Вообще говоря, характер у полковника был крутоват, его не всегда обоснованное упрямство и гипертрофированная принципиальность иногда приводили к осложнениям. Вспоминается один факт, когда из желания продемонстрировать высокие боевые качества командиров РККА Киселев подверг серьезным осложнениям наши, поначалу хорошие, отношения с анархистами.

Анархисты в республиканской Испании имели довольно большое влияние, а у нас в Малаге это была вторая по значению партия (после коммунистов), и портить с ними отношения отнюдь не входило в наши планы. Руководитель анархистов Каро часто бывал в нашей резиденции и, в отличие от других местных лидеров партии, вполне лояльно относился к коммунистам. Сам Каро был богатым аргентинским помещиком, владельцем двух больших имений[4], но как только началась война в Испании, он, бросив все дела, тотчас приехал воевать с фашистами.

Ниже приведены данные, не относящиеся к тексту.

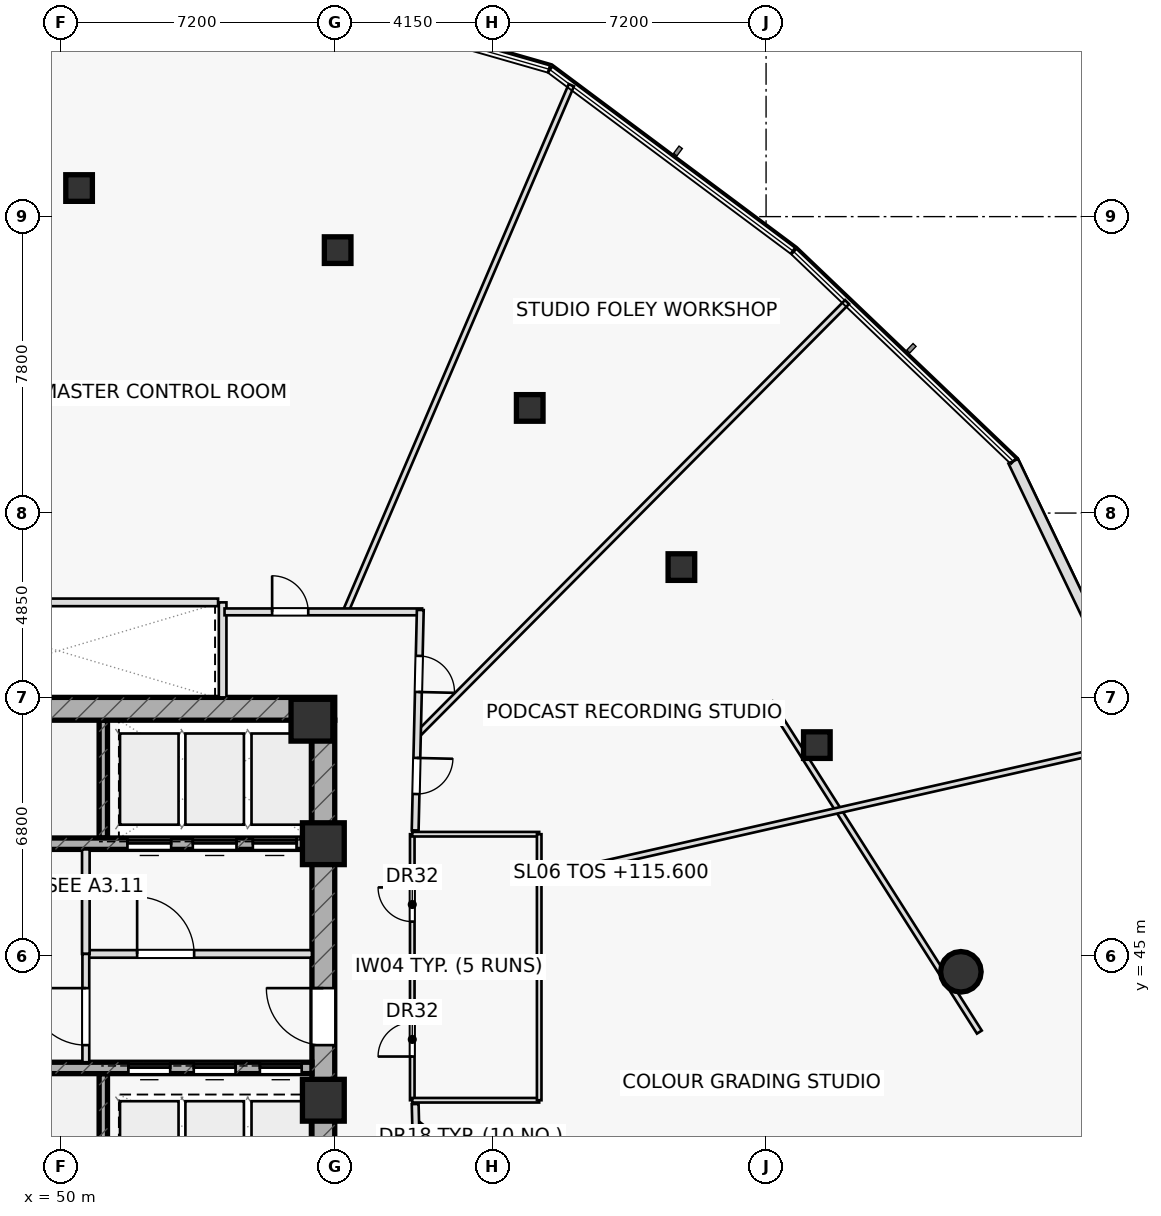
"""IFC4 building model, lengths in metres.
Left out: names, types, materials, properties, quantities, classifications, styles, units other than length and angle.
Written with IfcOpenShell. Run it as: python <this file> out.ifc"""

import sys

from ifc_helpers import new_model, si_unit, direction, frame, frame_2d, origin, origin_2d, place, context, subcontext, project, spatial, rectangle, hollow_rectangle, hollow_circle, extrude, element, fill, save


model = new_model("IFC4")
c1 = context("Model", 3, precision=1e-05, world=origin(), true_north=direction((0.0, 1.0)))
c2 = subcontext(c1, "Body", "Model", "MODEL_VIEW")
j1 = project(units=[si_unit("LENGTHUNIT", "METRE"), si_unit("PLANEANGLEUNIT", "RADIAN")], contexts=[c1])
p1 = place(None, origin())
s1 = spatial("IfcSite", under=j1, at=p1, CompositionType="ELEMENT")
p2 = place(p1, origin())
s2 = spatial("IfcBuilding", under=s1, at=p2, CompositionType="ELEMENT")
p3 = place(p2, frame((0.0, 0.0, 115.6)))
s3 = spatial("IfcBuildingStorey", under=s2, at=p3, CompositionType="ELEMENT", Elevation=115.6)
for number, where, z_axis, x_axis in (
    (1, (51.11, 48.1, 0.0), (0.0, 0.0, 1.0), (0.0, 1.0, 0.0)),
    (2, (51.11, 38.8, 0.0), (0.0, 0.0, 1.0), (0.0, 1.0, 0.0)),
):
    element("IfcWall", number, at=place(p3, frame(where, z_axis=z_axis, x_axis=x_axis)), inside=s3, PredefinedType="SHEAR", context=c2, shape_type="SweptSolid", body=[
        extrude(rectangle(XDim=3.1, YDim=0.22, at=frame_2d((1.55, 0.0))), origin(), (0.0, 0.0, 1.0), 3.55),
    ])
p4 = place(p3, frame((42.8, 51.5, 0.0), z_axis=(0.0, 0.0, 1.0), x_axis=(1.0, 0.0, 0.0)))
e3 = element("IfcWall", 3, at=p4, inside=s3, PredefinedType="SHEAR", context=c2, shape_type="SweptSolid", body=[
    extrude(rectangle(XDim=14.4, YDim=0.6, at=frame_2d((7.2, 0.0))), origin(), (0.0, 0.0, 1.0), 3.55),
])
p5 = place(p4, frame((0.88, 0.0, 0.0)))
e4 = element("IfcOpeningElement", 4, at=p5, cuts=e3, PredefinedType="OPENING", context=c2, shape_type="SweptSolid", body=[
    extrude(rectangle(XDim=1.05, YDim=2.2, at=frame_2d((0.525, 1.1))), frame((0.0, 0.31, 0.0), z_axis=(0.0, -1.0, 0.0), x_axis=(1.0, 0.0, 0.0)), (0.0, 0.0, 1.0), 0.62),
])
p6 = place(p3, frame((56.9, 38.8, 0.0), z_axis=(0.0, 0.0, 1.0), x_axis=(0.0, 1.0, 0.0)))
e5 = element("IfcWall", 5, at=p6, inside=s3, PredefinedType="SHEAR", context=c2, shape_type="SweptSolid", body=[
    extrude(rectangle(XDim=12.4, YDim=0.6, at=frame_2d((6.2, 0.0))), origin(), (0.0, 0.0, 1.0), 3.55),
])
p7 = place(p6, frame((3.85, 0.0, 0.0)))
e6 = element("IfcOpeningElement", 6, at=p7, cuts=e5, PredefinedType="OPENING", context=c2, shape_type="SweptSolid", body=[
    extrude(rectangle(XDim=1.5, YDim=2.2, at=frame_2d((0.75, 1.1))), frame((0.0, 0.31, 0.0), z_axis=(0.0, -1.0, 0.0), x_axis=(1.0, 0.0, 0.0)), (0.0, 0.0, 1.0), 0.62),
])
p8 = place(p3, frame((43.4, 47.95, 0.0), z_axis=(0.0, 0.0, 1.0), x_axis=(1.0, 0.0, 0.0)))
e7 = element("IfcWall", 7, at=p8, inside=s3, PredefinedType="SHEAR", context=c2, shape_type="SweptSolid", body=[
    extrude(rectangle(XDim=13.2, YDim=0.3, at=frame_2d((6.6, 0.0))), origin(), (0.0, 0.0, 1.0), 3.55),
])
p9 = place(p8, frame((8.345, 0.0, 0.0)))
e8 = element("IfcOpeningElement", 8, at=p9, cuts=e7, PredefinedType="OPENING", context=c2, shape_type="SweptSolid", body=[
    extrude(rectangle(XDim=1.15, YDim=2.2, at=frame_2d((0.575, 1.1))), frame((0.0, 0.16, 0.0), z_axis=(0.0, -1.0, 0.0), x_axis=(1.0, 0.0, 0.0)), (0.0, 0.0, 1.0), 0.32),
])
p10 = place(p8, frame((10.065, 0.0, 0.0)))
e9 = element("IfcOpeningElement", 9, at=p10, cuts=e7, PredefinedType="OPENING", context=c2, shape_type="SweptSolid", body=[
    extrude(rectangle(XDim=1.15, YDim=2.2, at=frame_2d((0.575, 1.1))), frame((0.0, 0.16, 0.0), z_axis=(0.0, -1.0, 0.0), x_axis=(1.0, 0.0, 0.0)), (0.0, 0.0, 1.0), 0.32),
])
p11 = place(p8, frame((11.645, 0.0, 0.0)))
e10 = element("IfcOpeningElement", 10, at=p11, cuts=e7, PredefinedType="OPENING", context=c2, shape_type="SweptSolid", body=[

Своей храбростью и организаторскими способностями Каро быстро завоевал популярность у местных анархистов и стал их лидером. Не знаю, что было тому причиной, моя ли музыкальная эрудиция (он очень любил, когда в свободные вечера я наигрывал ему на рояле аргентинские мелодии и русские песни и романсы) или высокая квалификация как связиста, но Каро ко мне определенно благоволил. После того как я решительно пресек его попытку устроить дискуссию на политические темы, о политике он больше не заговаривал и лишь перед самой сдачей Малаги предложил бросить всю эту войну и уехать с ним в Аргентину[5]. На мой шутливый вопрос, что я там буду делать и на какие средства жить, Каро вполне серьезно предложил мне жениться на его младшей сестре Луизе, причем показал фотографию очаровательной девушки с огромными черными глазами и маленьким распятием на груди и обещал дать в приданое одно из имений. Когда я, опять же в шутку, усомнился в том, что она согласится выйти за меня замуж, он аж затрясся: «Пусть только попробует поперечить, сразу же в монастырь упрячу!» Я решительно отверг его матримониальные планы, и он был страшно удивлен: как это, человек, ничего не имеющий за душой, отказывается от богатства? Тем не менее, Каро очень любезно со всеми нами попрощался и уехал в Аргентину, заявив, что война все равно проиграна и ему здесь больше делать нечего (в чем оказался совершенно прав).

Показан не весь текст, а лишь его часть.